Coding Driven Leadership - shyamvala
https://www.shyamvala.com/blog/coding-driven-leadership
======
externalreality
> Collective Ownership : It’s not about you, its always about the team.

When people say "Collective Ownership", they usually mean no one person is
directly responsible for a body of code - and that is supposed to be a good
thing. When you walk into a shop with this philosophy and have a question
about the code you will find that you usually get the answer "I don't know ask
Jake" and then Jake says "I don't know ask Jane", Jane then sends you to Bill
who may have touched the relevant code at some point. Basically "Collective
Ownership" can result in lack of responsibility and messy code that nobody
really understands.

I want to take more aim at this "Collective Code Ownership" myth.
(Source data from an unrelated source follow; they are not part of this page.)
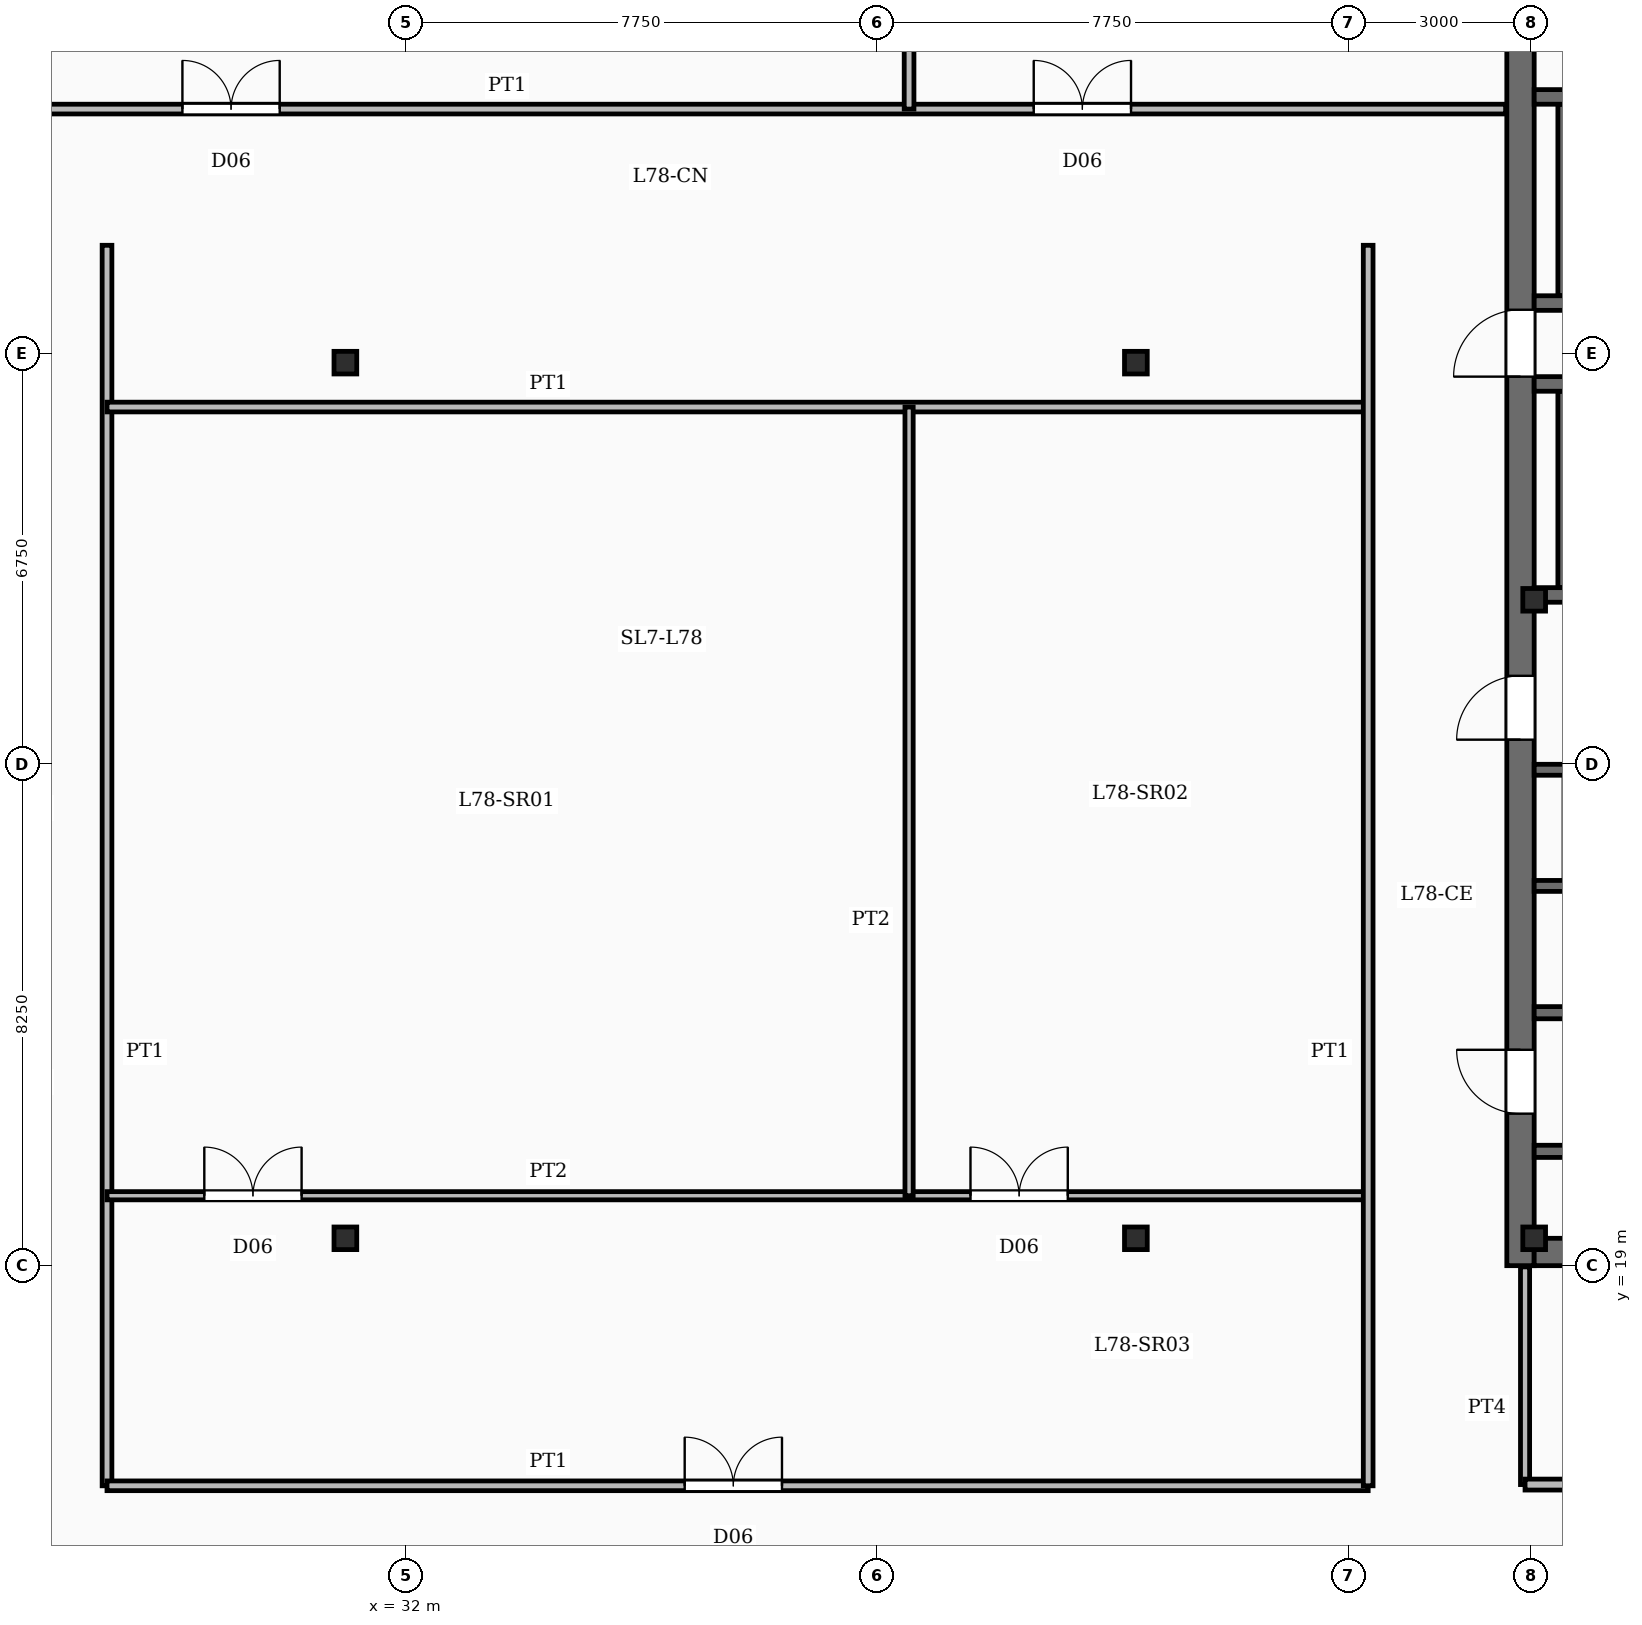
"""IFC4 building model, lengths in metres.
Left out: names, types, materials, properties, quantities, classifications, styles, units other than length and angle.
Written with IfcOpenShell. Run it as: python <this file> out.ifc"""

import sys

from ifc_helpers import new_model, si_unit, direction, frame, frame_2d, origin, origin_2d, place, context, subcontext, project, spatial, rectangle, i_section, extrude, element, fill, save


model = new_model("IFC4")
c1 = context("Model", 3, precision=1e-05, world=origin(), true_north=direction((0.0, 1.0)))
c2 = subcontext(c1, "Body", "Model", "MODEL_VIEW")
j1 = project(units=[si_unit("LENGTHUNIT", "METRE"), si_unit("PLANEANGLEUNIT", "RADIAN")], contexts=[c1])
p1 = place(None, origin())
s1 = spatial("IfcSite", under=j1, at=p1, CompositionType="ELEMENT")
p2 = place(p1, origin())
s2 = spatial("IfcBuilding", under=s1, at=p2, CompositionType="ELEMENT")
p3 = place(p2, frame((0.0, 0.0, 317.2)))
s3 = spatial("IfcBuildingStorey", under=s2, at=p3, CompositionType="ELEMENT", Elevation=317.2)
p4 = place(p3, frame((50.325, 19.0, -0.24), z_axis=(0.0, 0.0, 1.0), x_axis=(0.0, 1.0, 0.0)))
e1 = element("IfcWall", 1, at=p4, inside=s3, PredefinedType="SHEAR", context=c2, shape_type="SweptSolid", body=[
    extrude(rectangle(XDim=20.8, YDim=0.45, at=frame_2d((10.4, 0.0))), origin(), (0.0, 0.0, 1.0), 4.62),
])
p5 = place(p4, frame((2.5, 0.0, 0.24)))
e2 = element("IfcOpeningElement", 2, at=p5, cuts=e1, PredefinedType="OPENING", context=c2, shape_type="SweptSolid", body=[
    extrude(rectangle(XDim=1.05, YDim=2.15, at=frame_2d((0.525, 1.075))), frame((0.0, 0.235, 0.0), z_axis=(0.0, -1.0, 0.0), x_axis=(1.0, 0.0, 0.0)), (0.0, 0.0, 1.0), 0.47),
])
p6 = place(p4, frame((8.65, 0.0, 0.24)))
e3 = element("IfcOpeningElement", 3, at=p6, cuts=e1, PredefinedType="OPENING", context=c2, shape_type="SweptSolid", body=[
    extrude(rectangle(XDim=1.05, YDim=2.15, at=frame_2d((0.525, 1.075))), frame((0.0, 0.235, 0.0), z_axis=(0.0, -1.0, 0.0), x_axis=(1.0, 0.0, 0.0)), (0.0, 0.0, 1.0), 0.47),
])
p7 = place(p4, frame((14.62, 0.0, 0.24)))
e4 = element("IfcOpeningElement", 4, at=p7, cuts=e1, PredefinedType="OPENING", context=c2, shape_type="SweptSolid", body=[
    extrude(rectangle(XDim=1.1, YDim=2.15, at=frame_2d((0.55, 1.075))), frame((0.0, 0.235, 0.0), z_axis=(0.0, -1.0, 0.0), x_axis=(1.0, 0.0, 0.0)), (0.0, 0.0, 1.0), 0.47),
])
p8 = place(p3, frame((50.55, 19.225, -0.24), z_axis=(0.0, 0.0, 1.0), x_axis=(1.0, 0.0, 0.0)))
e5 = element("IfcWall", 5, at=p8, inside=s3, PredefinedType="SHEAR", context=c2, shape_type="SweptSolid", body=[
    extrude(rectangle(XDim=9.8, YDim=0.45, at=frame_2d((4.9, 0.0))), origin(), (0.0, 0.0, 1.0), 4.62),
])
for number, where, z_axis, x_axis in (
    (6, (50.55, 19.45, -0.24), (0.0, 0.0, 1.0), (1.0, 0.0, 0.0)),
    (7, (50.55, 29.95, -0.24), (0.0, 0.0, 1.0), (1.0, 0.0, 0.0)),
    (8, (31.0, 19.45, -0.24), (0.0, 0.0, 1.0), (1.0, 0.0, 0.0)),
    (9, (44.0, 19.45, -0.24), (0.0, 0.0, 1.0), (1.0, 0.0, 0.0)),
    (10, (31.0, 33.85, -0.24), (0.0, 0.0, 1.0), (1.0, 0.0, 0.0)),
    (11, (44.0, 33.85, -0.24), (0.0, 0.0, 1.0), (1.0, 0.0, 0.0)),
):
    element("IfcColumn", number, at=place(p3, frame(where, z_axis=z_axis, x_axis=x_axis)), inside=s3, PredefinedType="COLUMN", context=c2, shape_type="SweptSolid", body=[
        extrude(i_section(OverallWidth=0.374, OverallDepth=0.372, WebThickness=0.016, FlangeThickness=0.026, FilletRadius=0.02, at=origin_2d()), origin(), (0.0, 0.0, 1.0), 4.62),
    ])
p9 = place(p3, frame((60.35, 30.03, 0.0), z_axis=(0.0, 0.0, 1.0), x_axis=(-1.0, 0.0, 0.0)))
e12 = element("IfcWall", 12, at=p9, inside=s3, PredefinedType="SOLIDWALL", context=c2, shape_type="SweptSolid", body=[
    extrude(rectangle(XDim=9.8, YDim=0.24, at=frame_2d((4.9, 0.0))), origin(), (0.0, 0.0, 1.0), 4.38),
])
p10 = place(p9, frame((7.83, 0.0, 0.0)))
e13 = element("IfcOpeningElement", 13, at=p10, cuts=e12, PredefinedType="OPENING", context=c2, shape_type="SweptSolid", body=[
    extrude(rectangle(XDim=1.1, YDim=2.15, at=frame_2d((0.55, 1.075))), frame((0.0, 0.13, 0.0), z_axis=(0.0, -1.0, 0.0), x_axis=(1.0, 0.0, 0.0)), (0.0, 0.0, 1.0), 0.26),
])
p11 = place(p3, frame((50.55, 33.5, 0.0), z_axis=(0.0, 0.0, 1.0), x_axis=(1.0, 0.0, 0.0)))
e14 = element("IfcWall", 14, at=p11, inside=s3, PredefinedType="SOLIDWALL", context=c2, shape_type="SweptSolid", body=[
    extrude(rectangle(XDim=9.8, YDim=0.24, at=frame_2d((4.9, 0.0))), origin(), (0.0, 0.0, 1.0), 4.38),
])
p12 = place(p3, frame((51.06, 30.15, 0.0), z_axis=(0.0, 0.0, 1.0), x_axis=(0.0, 1.0, 0.0)))
e15 = element("IfcWall", 15, at=p12, inside=s3, PredefinedType="SOLIDWALL", context=c2, shape_type="SweptSolid", body=[
    extrude(rectangle(XDim=3.23, YDim=0.24, at=frame_2d((1.615, 0.0))), origin(), (0.0, 0.0, 1.0), 4.38),
])
p13 = place(p3, frame((60.35, 34.83, 0.0), z_axis=(0.0, 0.0, 1.0), x_axis=(-1.0, 0.0, 0.0)))
e16 = element("IfcWall", 16, at=p13, inside=s3, PredefinedType="SOLIDWALL", context=c2, shape_type="SweptSolid", body=[
    extrude(rectangle(XDim=9.8, YDim=0.24, at=frame_2d((4.9, 0.0))), origin(), (0.0, 0.0, 1.0), 4.38),
])
p14 = place(p13, frame((7.87, 0.0, 0.0)))
e17 = element("IfcOpeningElement", 17, at=p14, cuts=e16, PredefinedType="OPENING", context=c2, shape_type="SweptSolid", body=[
    extrude(rectangle(XDim=1.1, YDim=2.15, at=frame_2d((0.55, 1.075))), frame((0.0, 0.13, 0.0), z_axis=(0.0, -1.0, 0.0), x_axis=(1.0, 0.0, 0.0)), (0.0, 0.0, 1.0), 0.26),
])
p15 = place(p3, frame((50.55, 38.22, 0.0), z_axis=(0.0, 0.0, 1.0), x_axis=(1.0, 0.0, 0.0)))
e18 = element("IfcWall", 18, at=p15, inside=s3, PredefinedType="SOLIDWALL", context=c2, shape_type="SweptSolid", body=[
    extrude(rectangle(XDim=9.8, YDim=0.24, at=frame_2d((4.9, 0.0))), origin(), (0.0, 0.0, 1.0), 4.38),
])
p16 = place(p3, frame((51.06, 34.95, 0.0), z_axis=(0.0, 0.0, 1.0), x_axis=(0.0, 1.0, 0.0)))
e19 = element("IfcWall", 19, at=p16, inside=s3, PredefinedType="SOLIDWALL", context=c2, shape_type="SweptSolid", body=[
    extrude(rectangle(XDim=3.15, YDim=0.24, at=frame_2d((1.575, 0.0))), origin(), (0.0, 0.0, 1.0), 4.38),
])
p17 = place(p3, frame((50.55, 27.155, 0.0), z_axis=(0.0, 0.0, 1.0), x_axis=(1.0, 0.0, 0.0)))
e20 = element("IfcWall", 20, at=p17, inside=s3, PredefinedType="SOLIDWALL", context=c2, shape_type="SweptSolid", body=[
    extrude(rectangle(XDim=3.24, YDim=0.18, at=frame_2d((1.62, 0.0))), origin(), (0.0, 0.0, 1.0), 4.38),
])
p18 = place(p17, frame((1.235, 0.0, 0.0)))
e21 = element("IfcOpeningElement", 21, at=p18, cuts=e20, PredefinedType="OPENING", context=c2, shape_type="SweptSolid", body=[
    extrude(rectangle(XDim=1.35, YDim=2.3, at=frame_2d((0.675, 1.15))), frame((0.0, 0.1, 0.0), z_axis=(0.0, -1.0, 0.0), x_axis=(1.0, 0.0, 0.0)), (0.0, 0.0, 1.0), 0.2),
])
p19 = place(p3, frame((50.55, 25.245, 0.0), z_axis=(0.0, 0.0, 1.0), x_axis=(1.0, 0.0, 0.0)))
e22 = element("IfcWall", 22, at=p19, inside=s3, PredefinedType="SOLIDWALL", context=c2, shape_type="SweptSolid", body=[
    extrude(rectangle(XDim=3.24, YDim=0.18, at=frame_2d((1.62, 0.0))), origin(), (0.0, 0.0, 1.0), 4.38),
])
p20 = place(p3, frame((50.55, 20.88, 0.0), z_axis=(0.0, 0.0, 1.0), x_axis=(1.0, 0.0, 0.0)))
e23 = element("IfcWall", 23, at=p20, inside=s3, PredefinedType="SOLIDWALL", context=c2, shape_type="SweptSolid", body=[
    extrude(rectangle(XDim=9.8, YDim=0.2, at=frame_2d((4.9, 0.0))), origin(), (0.0, 0.0, 1.0), 3.44),
])
p21 = place(p20, frame((1.4, 0.0, 0.0)))
e24 = element("IfcOpeningElement", 24, at=p21, cuts=e23, PredefinedType="OPENING", context=c2, shape_type="SweptSolid", body=[
    extrude(rectangle(XDim=1.05, YDim=2.15, at=frame_2d((0.525, 1.075))), frame((0.0, 0.11, 0.0), z_axis=(0.0, -1.0, 0.0), x_axis=(1.0, 0.0, 0.0)), (0.0, 0.0, 1.0), 0.22),
])
p22 = place(p20, frame((5.5, 0.0, 0.0)))
e25 = element("IfcOpeningElement", 25, at=p22, cuts=e23, PredefinedType="OPENING", context=c2, shape_type="SweptSolid", body=[
    extrude(rectangle(XDim=1.05, YDim=2.15, at=frame_2d((0.525, 1.075))), frame((0.0, 0.11, 0.0), z_axis=(0.0, -1.0, 0.0), x_axis=(1.0, 0.0, 0.0)), (0.0, 0.0, 1.0), 0.22),
])
p23 = place(p3, frame((50.55, 23.16, 0.0), z_axis=(0.0, 0.0, 1.0), x_axis=(1.0, 0.0, 0.0)))
e26 = element("IfcWall", 26, at=p23, inside=s3, PredefinedType="SOLIDWALL", context=c2, shape_type="SweptSolid", body=[
    extrude(rectangle(XDim=3.33, YDim=0.2, at=frame_2d((1.665, 0.0))), origin(), (0.0, 0.0, 1.0), 3.44),
])
p24 = place(p23, frame((0.55, 0.0, 0.0)))
e27 = element("IfcOpeningElement", 27, at=p24, cuts=e26, PredefinedType="OPENING", context=c2, shape_type="SweptSolid", body=[
    extrude(rectangle(XDim=0.86, YDim=2.05, at=frame_2d((0.43, 1.025))), frame((0.0, 0.11, 0.0), z_axis=(0.0, -1.0, 0.0), x_axis=(1.0, 0.0, 0.0)), (0.0, 0.0, 1.0), 0.22),
])
p25 = place(p3, frame((50.4, 15.4, 0.0), z_axis=(0.0, 0.0, 1.0), x_axis=(1.0, 0.0, 0.0)))
e28 = element("IfcWall", 28, at=p25, inside=s3, PredefinedType="SOLIDWALL", context=c2, shape_type="SweptSolid", body=[
    extrude(rectangle(XDim=10.0, YDim=0.18, at=frame_2d((5.0, 0.0))), origin(), (0.0, 0.0, 1.0), 3.44),
])
p26 = place(p25, frame((1.19, 0.0, 0.0)))
e29 = element("IfcOpeningElement", 29, at=p26, cuts=e28, PredefinedType="OPENING", context=c2, shape_type="SweptSolid", body=[
    extrude(rectangle(XDim=0.92, YDim=2.1, at=frame_2d((0.46, 1.05))), frame((0.0, 0.1, 0.0), z_axis=(0.0, -1.0, 0.0), x_axis=(1.0, 0.0, 0.0)), (0.0, 0.0, 1.0), 0.2),
])
p27 = place(p25, frame((4.54, 0.0, 0.0)))
e30 = element("IfcOpeningElement", 30, at=p27, cuts=e28, PredefinedType="OPENING", context=c2, shape_type="SweptSolid", body=[
    extrude(rectangle(XDim=0.92, YDim=2.1, at=frame_2d((0.46, 1.05))), frame((0.0, 0.1, 0.0), z_axis=(0.0, -1.0, 0.0), x_axis=(1.0, 0.0, 0.0)), (0.0, 0.0, 1.0), 0.2),
])
p28 = place(p25, frame((7.92, 0.0, 0.0)))
e31 = element("IfcOpeningElement", 31, at=p28, cuts=e28, PredefinedType="OPENING", context=c2, shape_type="SweptSolid", body=[
    extrude(rectangle(XDim=0.86, YDim=2.05, at=frame_2d((0.43, 1.025))), frame((0.0, 0.1, 0.0), z_axis=(0.0, -1.0, 0.0), x_axis=(1.0, 0.0, 0.0)), (0.0, 0.0, 1.0), 0.2),
])
p29 = place(p3, frame((50.4, 15.4, 0.0), z_axis=(0.0, 0.0, 1.0), x_axis=(0.0, 1.0, 0.0)))
e32 = element("IfcWall", 32, at=p29, inside=s3, PredefinedType="PARTITIONING", context=c2, shape_type="SweptSolid", body=[
    extrude(rectangle(XDim=3.58, YDim=0.15, at=frame_2d((1.79, 0.0))), origin(), (0.0, 0.0, 1.0), 3.44),
])
p30 = place(p3, frame((27.08, 20.15, 0.0), z_axis=(0.0, 0.0, 1.0), x_axis=(1.0, 0.0, 0.0)))
e33 = element("IfcWall", 33, at=p30, inside=s3, PredefinedType="PARTITIONING", context=c2, shape_type="SweptSolid", body=[
    extrude(rectangle(XDim=20.74, YDim=0.135, at=frame_2d((10.37, 0.0))), origin(), (0.0, 0.0, 1.0), 3.44),
])
p31 = place(p30, frame((1.6, 0.0, 0.0)))
e34 = element("IfcOpeningElement", 34, at=p31, cuts=e33, PredefinedType="OPENING", context=c2, shape_type="SweptSolid", body=[
    extrude(rectangle(XDim=1.6, YDim=2.15, at=frame_2d((0.8, 1.075))), frame((0.0, 0.077, 0.0), z_axis=(0.0, -1.0, 0.0), x_axis=(1.0, 0.0, 0.0)), (0.0, 0.0, 1.0), 0.155),
])
p32 = place(p30, frame((14.2, 0.0, 0.0)))
e35 = element("IfcOpeningElement", 35, at=p32, cuts=e33, PredefinedType="OPENING", context=c2, shape_type="SweptSolid", body=[
    extrude(rectangle(XDim=1.6, YDim=2.15, at=frame_2d((0.8, 1.075))), frame((0.0, 0.077, 0.0), z_axis=(0.0, -1.0, 0.0), x_axis=(1.0, 0.0, 0.0)), (0.0, 0.0, 1.0), 0.155),
])
p33 = place(p3, frame((27.08, 33.12, 0.0), z_axis=(0.0, 0.0, 1.0), x_axis=(1.0, 0.0, 0.0)))
e36 = element("IfcWall", 36, at=p33, inside=s3, PredefinedType="PARTITIONING", context=c2, shape_type="SweptSolid", body=[
    extrude(rectangle(XDim=20.74, YDim=0.16, at=frame_2d((10.37, 0.0))), origin(), (0.0, 0.0, 1.0), 3.44),
])
p34 = place(p3, frame((40.27, 20.15, 0.0), z_axis=(0.0, 0.0, 1.0), x_axis=(0.0, 1.0, 0.0)))
e37 = element("IfcWall", 37, at=p34, inside=s3, PredefinedType="PARTITIONING", context=c2, shape_type="SweptSolid", body=[
    extrude(rectangle(XDim=12.97, YDim=0.135, at=frame_2d((6.485, 0.0))), origin(), (0.0, 0.0, 1.0), 3.44),
])
p35 = place(p3, frame((27.08, 15.38, 0.0), z_axis=(0.0, 0.0, 1.0), x_axis=(1.0, 0.0, 0.0)))
e38 = element("IfcWall", 38, at=p35, inside=s3, PredefinedType="PARTITIONING", context=c2, shape_type="SweptSolid", body=[
    extrude(rectangle(XDim=20.74, YDim=0.16, at=frame_2d((10.37, 0.0))), origin(), (0.0, 0.0, 1.0), 3.44),
])
p36 = place(p35, frame((9.5, 0.0, 0.0)))
e39 = element("IfcOpeningElement", 39, at=p36, cuts=e38, PredefinedType="OPENING", context=c2, shape_type="SweptSolid", body=[
    extrude(rectangle(XDim=1.6, YDim=2.15, at=frame_2d((0.8, 1.075))), frame((0.0, 0.09, 0.0), z_axis=(0.0, -1.0, 0.0), x_axis=(1.0, 0.0, 0.0)), (0.0, 0.0, 1.0), 0.18),
])
for number, where, z_axis, x_axis in (
    (40, (27.08, 15.38, 0.0), (0.0, 0.0, 1.0), (0.0, 1.0, 0.0)),
    (41, (47.82, 15.38, 0.0), (0.0, 0.0, 1.0), (0.0, 1.0, 0.0)),
):
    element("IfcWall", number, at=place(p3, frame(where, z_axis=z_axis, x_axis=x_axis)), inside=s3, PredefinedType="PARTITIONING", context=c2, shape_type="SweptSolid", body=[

The concept
overlooks the immense amount of job satisfaction one gets from being
responsible for a body of code and feeling like you have some responsibility.
Handing out responsibility doesn't remove the need for code reviews or bar
others from examining and learning different parts of the code. So called
"collective ownership" simply gives low-level engineering management more
power by keeping developers weak and replaceable but makes for messy code. It
makes for messy code because developers don't take a holistic view of what
they are doing they just strive to rapidly complete little tasks that are
thrown in front of them that management can understand and use to maintain a
feeling of control. In short "yes!", it is about you, your growth, and your
job satisfaction. I've worked as a consultant in many code shops - when I walk
into a shop and the manager introduces Alice "who does our kernel code", and
then Bill who "Manages our API code", and Mike "Who is generally responsible
for integrations and works on our front end code with Alice" I generally see
more happy developers and less turnover.

I also don't believe very much in Pair Programming. Again, all the research
I've read supporting the practice is questionable. I've pair programmed at
length and watched others do it. Generally it only works for the most trivial
of tasks - which means that why use it at all. I do think superiors get a
great deal of satisfaction pairing with their subordinates, I'm not so sure
about the other way around.